Майлс мне не ответил. Он наклонился и покопался в куче одежды. Отыскав темно-синюю толстовку на молнии, он накинул ее себе на плечи. Я впервые заметила, что руки у него дрожат.
– Майлс. Скажи мне, что происходит.
Он даже не поднял на меня глаз.
– Дейрдре, – наконец произнес он. – Она вернулась.
Книга в руке у меня словно налилась свинцом.
– Вернулась?
– Я только что узнал. Пойду ее проведаю.
– Я уверена, что сейчас она не захочет оставаться с парнем наедине. Я пойду с тобой.
– Так себе идея. – Майлс застегнул толстовку. – Поверь мне.
На мгновение я испугалась, что лихорадка сейчас вернется и меня так скует ужасом, что я не смогу двигаться. Но нет. Я должна была увидеть Дейрдре, своими глазами увидеть, что с ней случилось.
– Я иду с тобой, – твердо сказала я и вернула «Картографию будущего» на место в книжном шкафу Майлса. На ее корешке тускло поблескивали золотистые буквы. Но походили они не на звезды, а на пару глаз, наблюдающих за мной.
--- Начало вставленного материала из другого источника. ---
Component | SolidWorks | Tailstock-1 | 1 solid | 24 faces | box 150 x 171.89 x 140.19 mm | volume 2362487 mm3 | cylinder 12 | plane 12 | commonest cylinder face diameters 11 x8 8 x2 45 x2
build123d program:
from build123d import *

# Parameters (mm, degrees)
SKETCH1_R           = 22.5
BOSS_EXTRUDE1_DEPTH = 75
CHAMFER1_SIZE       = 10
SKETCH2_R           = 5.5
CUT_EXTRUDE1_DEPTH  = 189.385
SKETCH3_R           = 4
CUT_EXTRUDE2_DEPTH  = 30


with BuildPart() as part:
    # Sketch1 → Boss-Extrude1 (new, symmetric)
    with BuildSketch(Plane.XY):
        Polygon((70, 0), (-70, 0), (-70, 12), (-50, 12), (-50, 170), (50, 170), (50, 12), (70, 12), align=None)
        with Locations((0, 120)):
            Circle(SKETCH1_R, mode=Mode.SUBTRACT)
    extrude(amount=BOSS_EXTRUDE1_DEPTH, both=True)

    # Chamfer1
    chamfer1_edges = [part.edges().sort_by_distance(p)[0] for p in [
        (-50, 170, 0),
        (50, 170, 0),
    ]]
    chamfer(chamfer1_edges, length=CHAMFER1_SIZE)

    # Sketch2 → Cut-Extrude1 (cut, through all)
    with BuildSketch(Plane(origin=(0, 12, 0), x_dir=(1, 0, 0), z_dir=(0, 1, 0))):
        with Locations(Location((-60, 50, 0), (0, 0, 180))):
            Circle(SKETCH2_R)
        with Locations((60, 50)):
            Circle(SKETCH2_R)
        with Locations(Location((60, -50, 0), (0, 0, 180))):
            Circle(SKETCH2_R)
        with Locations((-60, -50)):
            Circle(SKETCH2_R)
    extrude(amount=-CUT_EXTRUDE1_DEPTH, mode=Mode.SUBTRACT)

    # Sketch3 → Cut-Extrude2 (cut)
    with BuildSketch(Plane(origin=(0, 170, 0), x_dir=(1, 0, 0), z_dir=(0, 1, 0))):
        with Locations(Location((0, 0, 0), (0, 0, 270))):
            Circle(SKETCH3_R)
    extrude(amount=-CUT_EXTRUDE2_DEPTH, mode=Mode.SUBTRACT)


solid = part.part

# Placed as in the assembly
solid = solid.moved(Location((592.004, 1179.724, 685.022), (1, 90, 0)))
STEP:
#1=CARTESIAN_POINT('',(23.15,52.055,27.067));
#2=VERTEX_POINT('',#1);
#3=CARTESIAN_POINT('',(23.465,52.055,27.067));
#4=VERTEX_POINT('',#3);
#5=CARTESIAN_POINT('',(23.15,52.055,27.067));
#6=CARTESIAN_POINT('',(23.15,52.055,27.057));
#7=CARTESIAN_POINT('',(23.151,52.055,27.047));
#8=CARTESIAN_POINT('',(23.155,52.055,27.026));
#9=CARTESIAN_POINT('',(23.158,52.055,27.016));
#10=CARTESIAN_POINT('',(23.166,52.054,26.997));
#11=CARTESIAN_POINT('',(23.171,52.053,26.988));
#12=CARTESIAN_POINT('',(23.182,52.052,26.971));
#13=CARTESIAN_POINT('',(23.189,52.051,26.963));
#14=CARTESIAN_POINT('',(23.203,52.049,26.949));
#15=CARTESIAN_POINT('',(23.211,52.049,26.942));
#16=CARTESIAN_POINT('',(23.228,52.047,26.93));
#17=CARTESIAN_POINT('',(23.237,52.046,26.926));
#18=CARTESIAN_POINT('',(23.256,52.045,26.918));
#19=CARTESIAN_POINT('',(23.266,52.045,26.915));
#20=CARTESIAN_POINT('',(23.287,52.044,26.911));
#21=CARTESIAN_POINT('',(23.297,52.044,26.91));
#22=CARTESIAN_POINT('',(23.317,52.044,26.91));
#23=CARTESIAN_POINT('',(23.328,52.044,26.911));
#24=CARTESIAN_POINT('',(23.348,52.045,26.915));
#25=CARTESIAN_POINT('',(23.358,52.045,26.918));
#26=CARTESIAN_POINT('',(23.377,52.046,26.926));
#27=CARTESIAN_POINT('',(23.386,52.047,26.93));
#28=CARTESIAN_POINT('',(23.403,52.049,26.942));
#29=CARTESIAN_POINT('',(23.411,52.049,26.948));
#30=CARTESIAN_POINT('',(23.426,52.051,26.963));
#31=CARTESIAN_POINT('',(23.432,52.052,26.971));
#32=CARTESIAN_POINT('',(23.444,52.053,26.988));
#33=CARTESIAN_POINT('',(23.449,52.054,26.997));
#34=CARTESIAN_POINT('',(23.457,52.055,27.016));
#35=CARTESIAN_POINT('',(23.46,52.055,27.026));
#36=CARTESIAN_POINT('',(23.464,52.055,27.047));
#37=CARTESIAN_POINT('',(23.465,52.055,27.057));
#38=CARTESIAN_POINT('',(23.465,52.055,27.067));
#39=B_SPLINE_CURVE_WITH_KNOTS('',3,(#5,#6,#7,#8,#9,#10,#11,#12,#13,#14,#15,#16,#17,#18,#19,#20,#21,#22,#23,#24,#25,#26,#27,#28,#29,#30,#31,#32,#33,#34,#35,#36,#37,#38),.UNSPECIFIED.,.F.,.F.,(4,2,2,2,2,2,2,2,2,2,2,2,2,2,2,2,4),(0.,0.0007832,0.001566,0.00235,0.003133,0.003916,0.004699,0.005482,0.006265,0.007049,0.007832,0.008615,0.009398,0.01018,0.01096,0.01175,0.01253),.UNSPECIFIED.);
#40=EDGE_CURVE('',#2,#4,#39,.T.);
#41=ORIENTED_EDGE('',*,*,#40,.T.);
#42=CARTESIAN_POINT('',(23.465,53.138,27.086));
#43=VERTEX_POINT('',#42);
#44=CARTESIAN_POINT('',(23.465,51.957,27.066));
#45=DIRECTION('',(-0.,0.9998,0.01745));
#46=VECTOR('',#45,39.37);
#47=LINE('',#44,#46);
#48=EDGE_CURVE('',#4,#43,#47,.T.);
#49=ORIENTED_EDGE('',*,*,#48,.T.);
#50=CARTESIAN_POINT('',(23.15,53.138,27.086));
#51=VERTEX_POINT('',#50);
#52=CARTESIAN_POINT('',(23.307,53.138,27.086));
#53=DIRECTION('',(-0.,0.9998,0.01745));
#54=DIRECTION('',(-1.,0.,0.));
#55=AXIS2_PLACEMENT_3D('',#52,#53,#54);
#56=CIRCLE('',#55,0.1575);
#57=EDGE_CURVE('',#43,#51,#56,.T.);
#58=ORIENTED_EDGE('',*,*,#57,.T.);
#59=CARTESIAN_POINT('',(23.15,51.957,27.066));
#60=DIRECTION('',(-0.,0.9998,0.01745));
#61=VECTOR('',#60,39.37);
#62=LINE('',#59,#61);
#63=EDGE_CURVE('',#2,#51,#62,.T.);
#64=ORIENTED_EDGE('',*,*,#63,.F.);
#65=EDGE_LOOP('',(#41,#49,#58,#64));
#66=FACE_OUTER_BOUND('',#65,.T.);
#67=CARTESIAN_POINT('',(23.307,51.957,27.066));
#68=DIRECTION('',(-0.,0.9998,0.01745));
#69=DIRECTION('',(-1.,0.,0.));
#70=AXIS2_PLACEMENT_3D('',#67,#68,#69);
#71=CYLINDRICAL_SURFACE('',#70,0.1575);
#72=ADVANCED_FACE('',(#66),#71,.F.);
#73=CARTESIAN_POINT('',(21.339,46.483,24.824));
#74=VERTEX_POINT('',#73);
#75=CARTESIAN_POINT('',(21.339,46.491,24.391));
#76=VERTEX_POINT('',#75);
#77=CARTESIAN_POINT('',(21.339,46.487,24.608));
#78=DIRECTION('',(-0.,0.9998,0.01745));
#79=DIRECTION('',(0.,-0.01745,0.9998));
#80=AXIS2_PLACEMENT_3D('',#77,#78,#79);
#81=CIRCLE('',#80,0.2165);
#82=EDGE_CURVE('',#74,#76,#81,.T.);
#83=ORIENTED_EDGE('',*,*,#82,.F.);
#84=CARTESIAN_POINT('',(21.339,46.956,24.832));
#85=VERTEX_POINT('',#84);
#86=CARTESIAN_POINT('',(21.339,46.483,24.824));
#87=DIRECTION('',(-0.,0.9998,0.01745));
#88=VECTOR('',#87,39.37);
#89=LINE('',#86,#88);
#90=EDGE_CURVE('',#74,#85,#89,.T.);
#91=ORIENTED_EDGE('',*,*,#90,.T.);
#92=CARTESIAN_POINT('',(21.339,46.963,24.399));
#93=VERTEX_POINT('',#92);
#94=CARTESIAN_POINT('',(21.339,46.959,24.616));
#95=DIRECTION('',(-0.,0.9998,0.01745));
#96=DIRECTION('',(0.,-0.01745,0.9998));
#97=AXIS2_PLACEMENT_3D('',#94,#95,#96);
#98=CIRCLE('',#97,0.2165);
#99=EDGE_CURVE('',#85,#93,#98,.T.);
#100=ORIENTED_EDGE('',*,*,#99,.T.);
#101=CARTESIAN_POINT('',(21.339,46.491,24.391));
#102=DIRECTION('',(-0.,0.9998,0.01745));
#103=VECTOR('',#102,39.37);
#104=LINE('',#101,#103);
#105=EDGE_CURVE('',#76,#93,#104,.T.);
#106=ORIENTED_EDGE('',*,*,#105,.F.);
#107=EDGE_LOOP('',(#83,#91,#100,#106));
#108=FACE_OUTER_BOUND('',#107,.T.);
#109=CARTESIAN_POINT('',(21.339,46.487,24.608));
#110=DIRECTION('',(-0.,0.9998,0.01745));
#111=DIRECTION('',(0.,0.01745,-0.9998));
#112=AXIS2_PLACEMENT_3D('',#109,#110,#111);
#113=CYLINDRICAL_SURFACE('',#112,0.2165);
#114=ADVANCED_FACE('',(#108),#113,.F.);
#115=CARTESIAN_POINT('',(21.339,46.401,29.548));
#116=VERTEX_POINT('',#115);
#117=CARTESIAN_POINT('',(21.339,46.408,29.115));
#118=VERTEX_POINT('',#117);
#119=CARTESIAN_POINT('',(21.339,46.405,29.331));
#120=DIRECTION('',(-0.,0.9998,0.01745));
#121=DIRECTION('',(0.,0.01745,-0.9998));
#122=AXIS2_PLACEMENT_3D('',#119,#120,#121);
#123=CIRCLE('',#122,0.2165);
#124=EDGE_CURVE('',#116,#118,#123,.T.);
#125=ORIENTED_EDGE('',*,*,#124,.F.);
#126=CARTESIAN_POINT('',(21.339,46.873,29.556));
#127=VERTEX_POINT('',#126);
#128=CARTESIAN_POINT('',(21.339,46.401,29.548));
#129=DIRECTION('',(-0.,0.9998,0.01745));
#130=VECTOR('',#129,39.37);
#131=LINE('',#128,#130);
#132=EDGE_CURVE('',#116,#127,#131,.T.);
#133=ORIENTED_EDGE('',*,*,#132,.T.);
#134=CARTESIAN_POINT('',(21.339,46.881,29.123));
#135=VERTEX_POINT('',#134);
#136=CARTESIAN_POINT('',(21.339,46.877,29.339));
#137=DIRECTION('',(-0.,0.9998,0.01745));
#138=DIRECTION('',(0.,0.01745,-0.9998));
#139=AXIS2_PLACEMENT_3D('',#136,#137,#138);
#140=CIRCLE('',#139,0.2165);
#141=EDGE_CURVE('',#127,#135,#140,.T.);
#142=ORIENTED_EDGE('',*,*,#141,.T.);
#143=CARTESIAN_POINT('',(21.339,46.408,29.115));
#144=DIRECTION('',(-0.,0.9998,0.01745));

Знавших, что со мной происходит и чему еще предстоит произойти.
По словам Майлса, Дейрдре нашли без сознания, выброшенной где-то на аллее. Врачи «Скорой помощи» подобрали ее и увезли в больницу, где она провела четыре дня, восстанавливаясь в отделении реинтеграции. Только после этого ее отпустили домой. Ни официального заявления, ни торжественной встречи, ни праздника в честь возвращения домой. Будто она все еще числилась пропавшей.